それからの生活は完全にトレーラーの中がメインとなった。トレーラーならトイレもある。また、オーディオ&ヴィジュアルが趣味という遠藤さんはトレーラーに4Kテレビを2台搭載し、掘りごたつの中で、テレビや映画などを楽しんでいるという。



<リビング(画像左上)>

本来ダイニングススペースだった部分を掘りごたつにカスタマイズ。ここで鍋を楽しむこともあるとか。

<ソーラー(画像上中央)>

外にセットしたソーラーパネルの発電容量などが、このコントローラーでチェックできる。

<冷蔵庫(画像右上)、キッチン(画像左下)>

備え付けの冷蔵庫があるので食材もたっぷり収納できる。
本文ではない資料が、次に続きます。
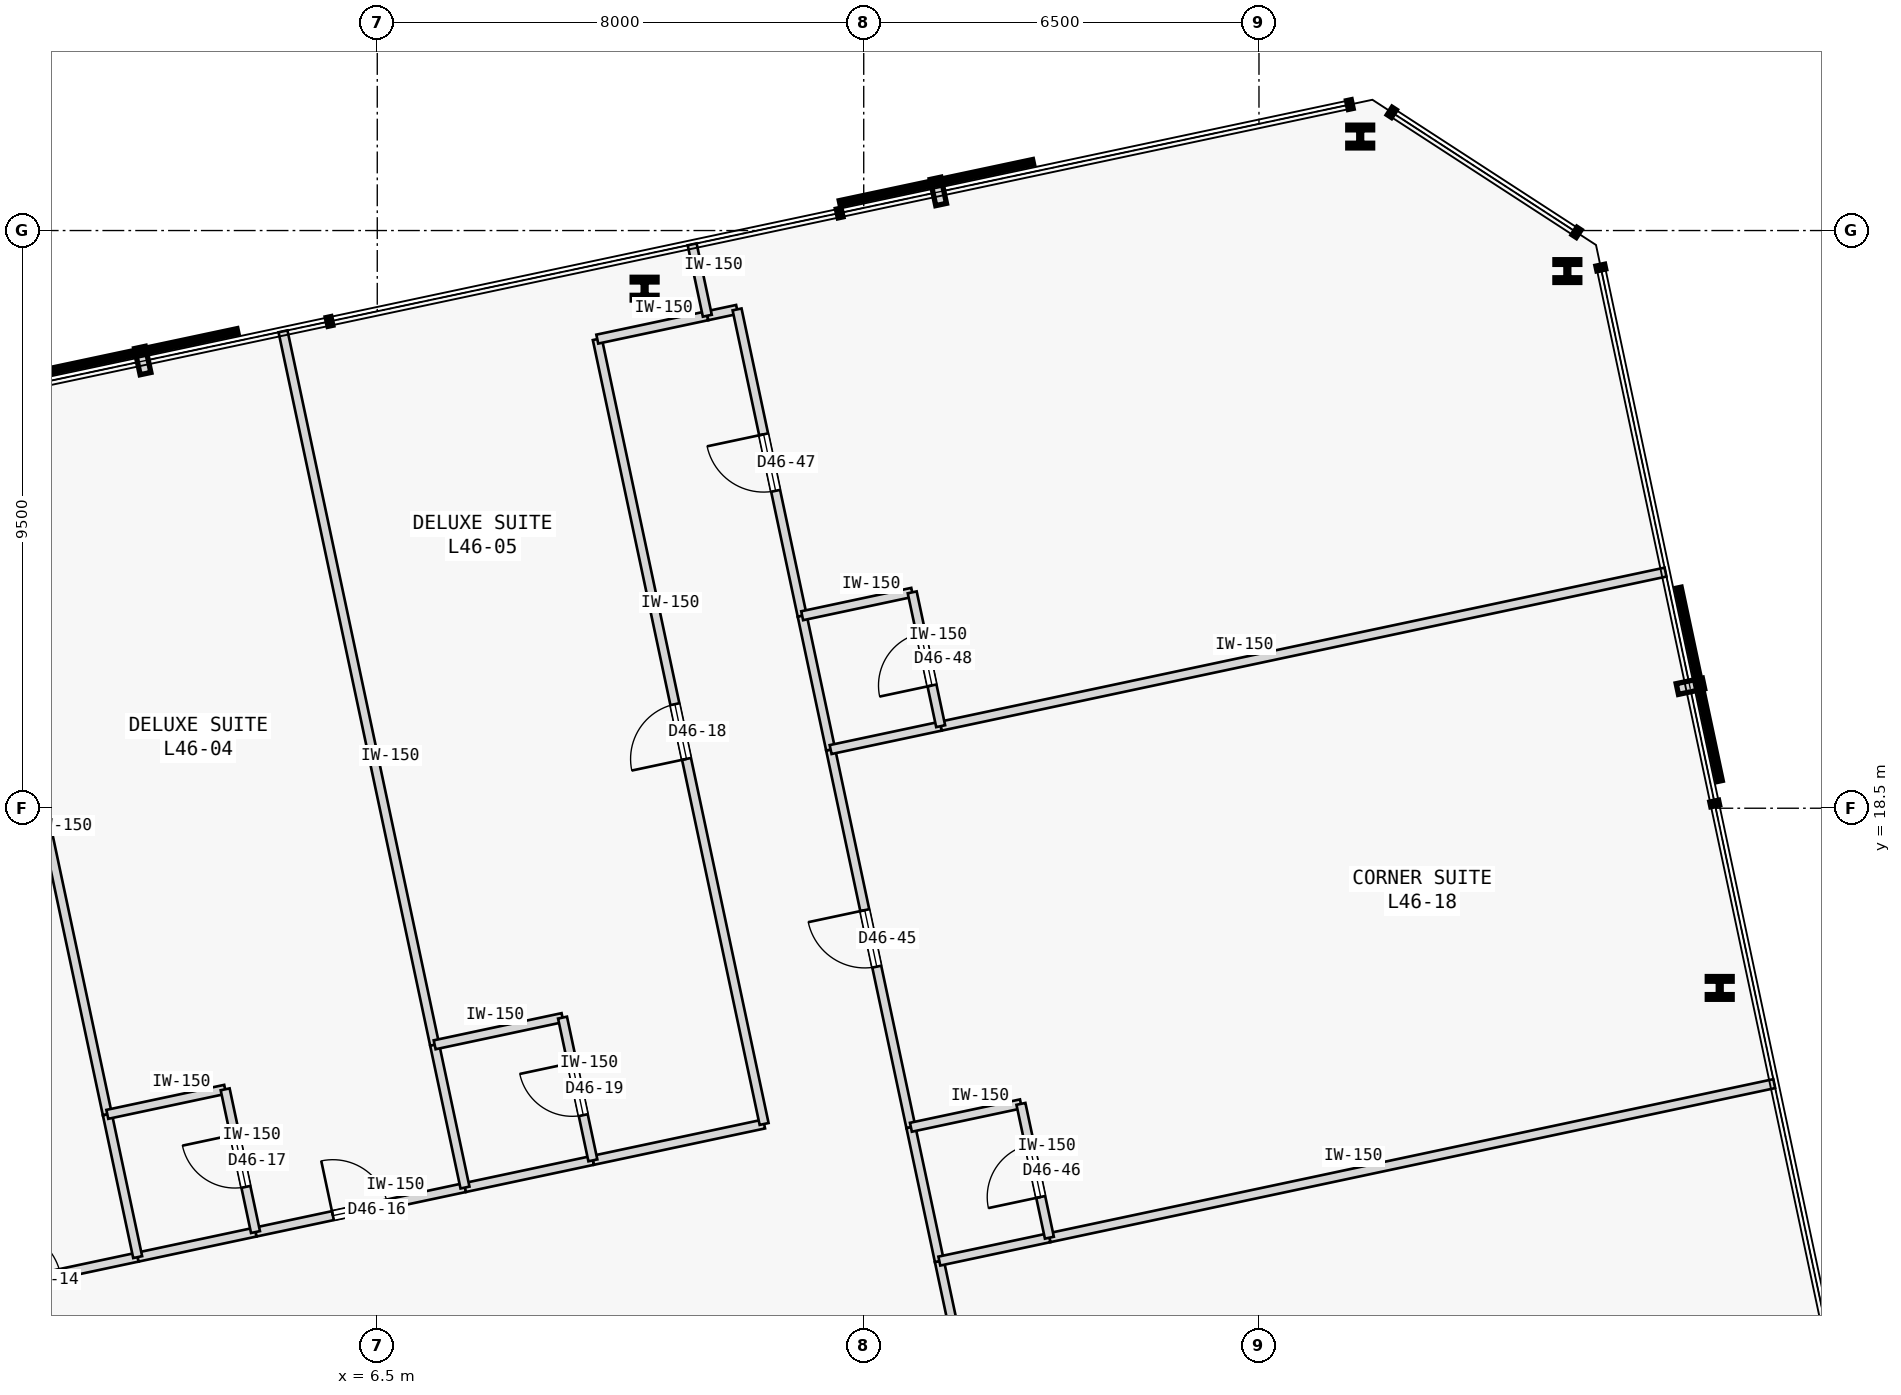
"""IFC4 building model, lengths in metres.
Left out: names, types, materials, properties, quantities, classifications, styles, units other than length and angle.
Written with IfcOpenShell. Run it as: python <this file> out.ifc"""

import sys

from ifc_helpers import new_model, si_unit, direction, frame, frame_2d, origin, origin_2d, place, context, subcontext, project, spatial, rectangle, i_section, extrude, element, fill, save


model = new_model("IFC4")
c1 = context("Model", 3, precision=1e-05, world=origin(), true_north=direction((0.0, 1.0)))
c2 = subcontext(c1, "Body", "Model", "MODEL_VIEW")
j1 = project(units=[si_unit("LENGTHUNIT", "METRE"), si_unit("PLANEANGLEUNIT", "RADIAN")], contexts=[c1])
p1 = place(None, origin())
s1 = spatial("IfcSite", under=j1, at=p1, CompositionType="ELEMENT")
p2 = place(p1, origin())
s2 = spatial("IfcBuilding", under=s1, at=p2, CompositionType="ELEMENT")
p3 = place(p2, frame((0.0, 0.0, 178.6)))
s3 = spatial("IfcBuildingStorey", under=s2, at=p3, CompositionType="ELEMENT", Elevation=178.6)
for number, where, z_axis, x_axis in (
    (1, (28.577, 15.545, 0.0), (0.0, 0.0, 1.0), (1.0, 0.0, 0.0)),
    (2, (26.071, 27.333, 0.0), (0.0, 0.0, 1.0), (1.0, 0.0, 0.0)),
    (3, (22.665, 29.546, 0.0), (0.0, 0.0, 1.0), (1.0, 0.0, 0.0)),
    (4, (10.896, 27.044, 0.0), (0.0, 0.0, 1.0), (1.0, 0.0, 0.0)),
):
    element("IfcColumn", number, at=place(p3, frame(where, z_axis=z_axis, x_axis=x_axis)), inside=s3, PredefinedType="COLUMN", context=c2, shape_type="SweptSolid", body=[
        extrude(i_section(OverallWidth=0.409, OverallDepth=0.374, WebThickness=0.048, FlangeThickness=0.077, FilletRadius=0.015, at=origin_2d()), origin(), (0.0, 0.0, 1.0), 3.4),
    ])
p4 = place(p3, frame((-0.885, 10.386, 0.0), z_axis=(0.0, 0.0, 1.0), x_axis=(0.978153036861, 0.207886114205, 0.0)))
e5 = element("IfcWall", 5, at=p4, inside=s3, PredefinedType="PARTITIONING", context=c2, shape_type="SweptSolid", body=[
    extrude(rectangle(XDim=3.522, YDim=0.15, at=frame_2d((1.761, 0.0))), origin(), (0.0, 0.0, 1.0), 3.175),
])
p5 = place(p4, frame((1.301, 0.0, 0.0)))
e6 = element("IfcOpeningElement", 6, at=p5, cuts=e5, PredefinedType="OPENING", context=c2, shape_type="SweptSolid", body=[
    extrude(rectangle(XDim=0.92, YDim=2.15, at=frame_2d((0.46, 1.075))), frame((0.0, 0.085, 0.0), z_axis=(0.0, -1.0, 0.0), x_axis=(1.0, 0.0, 0.0)), (0.0, 0.0, 1.0), 0.17),
])
p6 = place(p3, frame((4.498, 11.53, 0.0), z_axis=(0.0, 0.0, 1.0), x_axis=(0.978135941404, 0.207966536089, 0.0)))
e7 = element("IfcWall", 7, at=p6, inside=s3, PredefinedType="PARTITIONING", context=c2, shape_type="SweptSolid", body=[
    extrude(rectangle(XDim=3.522, YDim=0.15, at=frame_2d((1.761, 0.0))), origin(), (0.0, 0.0, 1.0), 3.175),
])
p7 = place(p6, frame((1.301, 0.0, 0.0)))
e8 = element("IfcOpeningElement", 8, at=p7, cuts=e7, PredefinedType="OPENING", context=c2, shape_type="SweptSolid", body=[
    extrude(rectangle(XDim=0.92, YDim=2.15, at=frame_2d((0.46, 1.075))), frame((0.0, 0.085, 0.0), z_axis=(0.0, -1.0, 0.0), x_axis=(1.0, 0.0, 0.0)), (0.0, 0.0, 1.0), 0.17),
])
p8 = place(p3, frame((2.56, 11.118, 0.0), z_axis=(0.0, 0.0, 1.0), x_axis=(0.978149140323, 0.20790444749, 0.0)))
e9 = element("IfcWall", 9, at=p8, inside=s3, PredefinedType="PARTITIONING", context=c2, shape_type="SweptSolid", body=[
    extrude(rectangle(XDim=1.981, YDim=0.15, at=frame_2d((0.99, 0.0))), origin(), (0.0, 0.0, 1.0), 3.175),
])
p9 = place(p3, frame((10.046, 12.709, 0.0), z_axis=(0.0, 0.0, 1.0), x_axis=(0.97816208355, 0.207843542851, 0.0)))
e10 = element("IfcWall", 10, at=p9, inside=s3, PredefinedType="PARTITIONING", context=c2, shape_type="SweptSolid", body=[
    extrude(rectangle(XDim=2.879, YDim=0.15, at=frame_2d((1.439, 0.0))), origin(), (0.0, 0.0, 1.0), 3.175),
])
p10 = place(p3, frame((12.862, 13.308, 0.0), z_axis=(0.0, 0.0, 1.0), x_axis=(-0.207911421929, 0.978147657888, 0.0)))
e11 = element("IfcWall", 11, at=p10, inside=s3, PredefinedType="PARTITIONING", context=c2, shape_type="SweptSolid", body=[
    extrude(rectangle(XDim=13.195, YDim=0.15, at=frame_2d((6.598, 0.0))), origin(), (0.0, 0.0, 1.0), 3.175),
])
p11 = place(p10, frame((6.137, 0.0, 0.0)))
e12 = element("IfcOpeningElement", 12, at=p11, cuts=e11, PredefinedType="OPENING", context=c2, shape_type="SweptSolid", body=[
    extrude(rectangle(XDim=0.92, YDim=2.15, at=frame_2d((0.46, 1.075))), frame((0.0, 0.085, 0.0), z_axis=(0.0, -1.0, 0.0), x_axis=(1.0, 0.0, 0.0)), (0.0, 0.0, 1.0), 0.17),
])
p12 = place(p3, frame((10.118, 26.214, 0.0), z_axis=(0.0, 0.0, 1.0), x_axis=(0.978133353907, 0.20797870558, 0.0)))
e13 = element("IfcWall", 13, at=p12, inside=s3, PredefinedType="PARTITIONING", context=c2, shape_type="SweptSolid", body=[
    extrude(rectangle(XDim=1.85, YDim=0.15, at=frame_2d((0.925, 0.0))), origin(), (0.0, 0.0, 1.0), 3.175),
])
p13 = place(p3, frame((7.943, 12.262, 0.0), z_axis=(0.0, 0.0, 1.0), x_axis=(0.978146728319, 0.207915795165, 0.0)))
e14 = element("IfcWall", 14, at=p13, inside=s3, PredefinedType="PARTITIONING", context=c2, shape_type="SweptSolid", body=[
    extrude(rectangle(XDim=2.15, YDim=0.15, at=frame_2d((1.075, 0.0))), origin(), (0.0, 0.0, 1.0), 3.175),
])
p14 = place(p3, frame((17.064, 4.841, 0.0), z_axis=(0.0, 0.0, 1.0), x_axis=(-0.207924511115, 0.978144875608, 0.0)))
e15 = element("IfcWall", 15, at=p14, inside=s3, PredefinedType="PARTITIONING", context=c2, shape_type="SweptSolid", body=[
    extrude(rectangle(XDim=6.35, YDim=0.15, at=frame_2d((3.175, 0.0))), origin(), (0.0, 0.0, 1.0), 3.175),
])
p15 = place(p14, frame((2.7, 0.0, 0.0)))
e16 = element("IfcOpeningElement", 16, at=p15, cuts=e15, PredefinedType="OPENING", context=c2, shape_type="SweptSolid", body=[
    extrude(rectangle(XDim=0.95, YDim=2.15, at=frame_2d((0.475, 1.075))), frame((0.0, 0.085, 0.0), z_axis=(0.0, -1.0, 0.0), x_axis=(1.0, 0.0, 0.0)), (0.0, 0.0, 1.0), 0.17),
])
p16 = place(p3, frame((15.276, 13.253, 0.0), z_axis=(0.0, 0.0, 1.0), x_axis=(-0.207924511115, 0.978144875608, 0.0)))
e17 = element("IfcWall", 17, at=p16, inside=s3, PredefinedType="PARTITIONING", context=c2, shape_type="SweptSolid", body=[
    extrude(rectangle(XDim=6.35, YDim=0.15, at=frame_2d((3.175, 0.0))), origin(), (0.0, 0.0, 1.0), 3.175),
])
p17 = place(p16, frame((2.7, 0.0, 0.0)))
e18 = element("IfcOpeningElement", 18, at=p17, cuts=e17, PredefinedType="OPENING", context=c2, shape_type="SweptSolid", body=[
    extrude(rectangle(XDim=0.95, YDim=2.15, at=frame_2d((0.475, 1.075))), frame((0.0, 0.085, 0.0), z_axis=(0.0, -1.0, 0.0), x_axis=(1.0, 0.0, 0.0)), (0.0, 0.0, 1.0), 0.17),
])
p18 = place(p3, frame((15.744, 11.052, 0.0), z_axis=(0.0, 0.0, 1.0), x_axis=(-0.207891197838, 0.978151956427, 0.0)))
e19 = element("IfcWall", 19, at=p18, inside=s3, PredefinedType="PARTITIONING", context=c2, shape_type="SweptSolid", body=[
    extrude(rectangle(XDim=2.25, YDim=0.15, at=frame_2d((1.125, 0.0))), origin(), (0.0, 0.0, 1.0), 3.175),
])
p19 = place(p3, frame((11.928, 26.599, 0.0), z_axis=(0.0, 0.0, 1.0), x_axis=(0.97822210712, 0.207560856478, 0.0)))
e20 = element("IfcWall", 20, at=p19, inside=s3, PredefinedType="PARTITIONING", context=c2, shape_type="SweptSolid", body=[
    extrude(rectangle(XDim=0.5, YDim=0.15, at=frame_2d((0.25, 0.0))), origin(), (0.0, 0.0, 1.0), 3.175),
])
p20 = place(p3, frame((13.488, 21.666, 0.0), z_axis=(0.0, 0.0, 1.0), x_axis=(-0.207926226209, 0.978144511028, 0.0)))
e21 = element("IfcWall", 21, at=p20, inside=s3, PredefinedType="PARTITIONING", context=c2, shape_type="SweptSolid", body=[
    extrude(rectangle(XDim=5.15, YDim=0.15, at=frame_2d((2.575, 0.0))), origin(), (0.0, 0.0, 1.0), 3.175),
])
p21 = place(p20, frame((2.1, 0.0, 0.0)))
e22 = element("IfcOpeningElement", 22, at=p21, cuts=e21, PredefinedType="OPENING", context=c2, shape_type="SweptSolid", body=[
    extrude(rectangle(XDim=0.95, YDim=2.15, at=frame_2d((0.475, 1.075))), frame((0.0, 0.085, 0.0), z_axis=(0.0, -1.0, 0.0), x_axis=(1.0, 0.0, 0.0)), (0.0, 0.0, 1.0), 0.17),
])
p22 = place(p3, frame((13.956, 19.465, 0.0), z_axis=(0.0, 0.0, 1.0), x_axis=(-0.207891197838, 0.978151956427, 0.0)))
e23 = element("IfcWall", 23, at=p22, inside=s3, PredefinedType="PARTITIONING", context=c2, shape_type="SweptSolid", body=[
    extrude(rectangle(XDim=2.25, YDim=0.15, at=frame_2d((1.125, 0.0))), origin(), (0.0, 0.0, 1.0), 3.175),
])
p23 = place(p3, frame((2.061, 13.466, 0.0), z_axis=(0.0, 0.0, 1.0), x_axis=(-0.207910848762, 0.978147779718, 0.0)))
e24 = element("IfcWall", 24, at=p23, inside=s3, PredefinedType="PARTITIONING", context=c2, shape_type="SweptSolid", body=[
    extrude(rectangle(XDim=11.995, YDim=0.15, at=frame_2d((5.998, 0.0))), origin(), (0.0, 0.0, 1.0), 3.175),
])
p24 = place(p3, frame((2.56, 11.118, 0.0), z_axis=(0.0, 0.0, 1.0), x_axis=(-0.207917150959, 0.978146440129, 0.0)))
e25 = element("IfcWall", 25, at=p24, inside=s3, PredefinedType="PARTITIONING", context=c2, shape_type="SweptSolid", body=[
    extrude(rectangle(XDim=2.4, YDim=0.15, at=frame_2d((1.2, 0.0))), origin(), (0.0, 0.0, 1.0), 3.175),
])
p25 = place(p3, frame((2.061, 13.466, 0.0), z_axis=(0.0, 0.0, 1.0), x_axis=(0.978149140323, 0.20790444749, 0.0)))
e26 = element("IfcWall", 26, at=p25, inside=s3, PredefinedType="PARTITIONING", context=c2, shape_type="SweptSolid", body=[
    extrude(rectangle(XDim=1.981, YDim=0.15, at=frame_2d((0.99, 0.0))), origin(), (0.0, 0.0, 1.0), 3.175),
])
p26 = place(p3, frame((4.498, 11.53, 0.0), z_axis=(0.0, 0.0, 1.0), x_axis=(-0.207917150959, 0.978146440129, 0.0)))
e27 = element("IfcWall", 27, at=p26, inside=s3, PredefinedType="PARTITIONING", context=c2, shape_type="SweptSolid", body=[
    extrude(rectangle(XDim=2.4, YDim=0.15, at=frame_2d((1.2, 0.0))), origin(), (0.0, 0.0, 1.0), 3.175),
])
p27 = place(p26, frame((0.76, 0.0, 0.0)))
e28 = element("IfcOpeningElement", 28, at=p27, cuts=e27, PredefinedType="OPENING", context=c2, shape_type="SweptSolid", body=[
    extrude(rectangle(XDim=0.88, YDim=2.15, at=frame_2d((0.44, 1.075))), frame((0.0, 0.085, 0.0), z_axis=(0.0, -1.0, 0.0), x_axis=(1.0, 0.0, 0.0)), (0.0, 0.0, 1.0), 0.17),
])
p28 = place(p3, frame((7.444, 14.61, 0.0), z_axis=(0.0, 0.0, 1.0), x_axis=(-0.207910848762, 0.978147779718, 0.0)))
e29 = element("IfcWall", 29, at=p28, inside=s3, PredefinedType="PARTITIONING", context=c2, shape_type="SweptSolid", body=[
    extrude(rectangle(XDim=11.995, YDim=0.15, at=frame_2d((5.998, 0.0))), origin(), (0.0, 0.0, 1.0), 3.175),
])
p29 = place(p3, frame((7.943, 12.262, 0.0), z_axis=(0.0, 0.0, 1.0), x_axis=(-0.207937840262, 0.978142042133, 0.0)))
e30 = element("IfcWall", 30, at=p29, inside=s3, PredefinedType="PARTITIONING", context=c2, shape_type="SweptSolid", body=[
    extrude(rectangle(XDim=2.4, YDim=0.15, at=frame_2d((1.2, 0.0))), origin(), (0.0, 0.0, 1.0), 3.175),
])
p30 = place(p3, frame((7.444, 14.61, 0.0), z_axis=(0.0, 0.0, 1.0), x_axis=(0.978151636287, 0.207892704126, 0.0)))
e31 = element("IfcWall", 31, at=p30, inside=s3, PredefinedType="PARTITIONING", context=c2, shape_type="SweptSolid", body=[
    extrude(rectangle(XDim=2.15, YDim=0.15, at=frame_2d((1.075, 0.0))), origin(), (0.0, 0.0, 1.0), 3.175),
])
p31 = place(p3, frame((10.046, 12.709, 0.0), z_axis=(0.0, 0.0, 1.0), x_axis=(-0.207840504985, 0.978162729042, 0.0)))
e32 = element("IfcWall", 32, at=p31, inside=s3, PredefinedType="PARTITIONING", context=c2, shape_type="SweptSolid", body=[
    extrude(rectangle(XDim=2.4, YDim=0.15, at=frame_2d((1.2, 0.0))), origin(), (0.0, 0.0, 1.0), 3.175),
])
p32 = place(p31, frame((0.76, 0.0, 0.0)))
e33 = element("IfcOpeningElement", 33, at=p32, cuts=e32, PredefinedType="OPENING", context=c2, shape_type="SweptSolid", body=[
    extrude(rectangle(XDim=0.88, YDim=2.15, at=frame_2d((0.44, 1.075))), frame((0.0, 0.085, 0.0), z_axis=(0.0, -1.0, 0.0), x_axis=(1.0, 0.0, 0.0)), (0.0, 0.0, 1.0), 0.17),
])
p33 = place(p3, frame((11.928, 26.599, 0.0), z_axis=(0.0, 0.0, 1.0), x_axis=(-0.20795853359, 0.978137642823, 0.0)))
e34 = element("IfcWall", 34, at=p33, inside=s3, PredefinedType="PARTITIONING", context=c2, shape_type="SweptSolid", body=[
    extrude(rectangle(XDim=1.2, YDim=0.15, at=frame_2d((0.6, 0.0))), origin(), (0.0, 0.0, 1.0), 3.175),
])
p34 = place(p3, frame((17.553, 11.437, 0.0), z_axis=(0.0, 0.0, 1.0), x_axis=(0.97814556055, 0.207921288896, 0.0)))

実は、電子レンジやポットなどが並ぶキッチンスペースの下にシンクがある。

<ベッドルーム、シャワーとトイレ(画像下中央・右)>

車体後方にダブルベッド。奥様とペットのスペースだ。シャワーとトイレは最後部に配置。

さらに仕事がら、地方に数カ月や1年以上となる長期間出張することも多いという遠藤さん。そんなときは、家族みんなでトレーラーごと現地に向かう。「現地で小さなアパートとトレーラーが置ける場所を借りて、基本的にはトレーラーで生活しています。アパートはトイレや、たまにキッチンを使うぐらいですね」

この取材の前も、2年ほど名古屋に住んでいたそうだ。もちろんトレーラーの中に。実際にトレーラーに入らせていただくと、一般的な家に比べればコンパクトだが、その空間にさまざまな機能が集約されており、家族でミニマムに生活するには非常に快適だ。

「トレーラーは車体価格が600万円ぐらいで、改造に300万円ぐらい。ただし、自宅に一部屋増築すると考えたら圧倒的に安いですよ。建坪率や固定資産税にも影響しませんしね」

快適スペースを作りだし、それで移動しながら生活する。特別な日だけでなく日常生活がクルマの中にある。これぞクルマのサードウェーブ(クルマに住むスタイル)を体現するライフスタイルだ。

驚きの装備をチェック!


トレーラーとハイエースの上にソーラーパネルを配置


フロントパネルを開けると室外機とプロパンガスが登場。


モーターとリモコンを使ってトレーラーだけを動かすこともできる。


トレーラーの後部には複数のカメラが設置されている。それがハイエースの運転席上部のモニターに映し出される仕組み。こうして安全運転を実現している。

トレーラーを引いてキャンプに出発!


自宅ガレージからトレーラーを出してハイエースに連結。


キャンプ場に移動。細かい路地も余裕で入って行く。「観光バスが入れる場所は余裕」と遠藤さん。


オートキャンプを楽しむ。向かい合わせにできるのがトレーラーの魅力だ。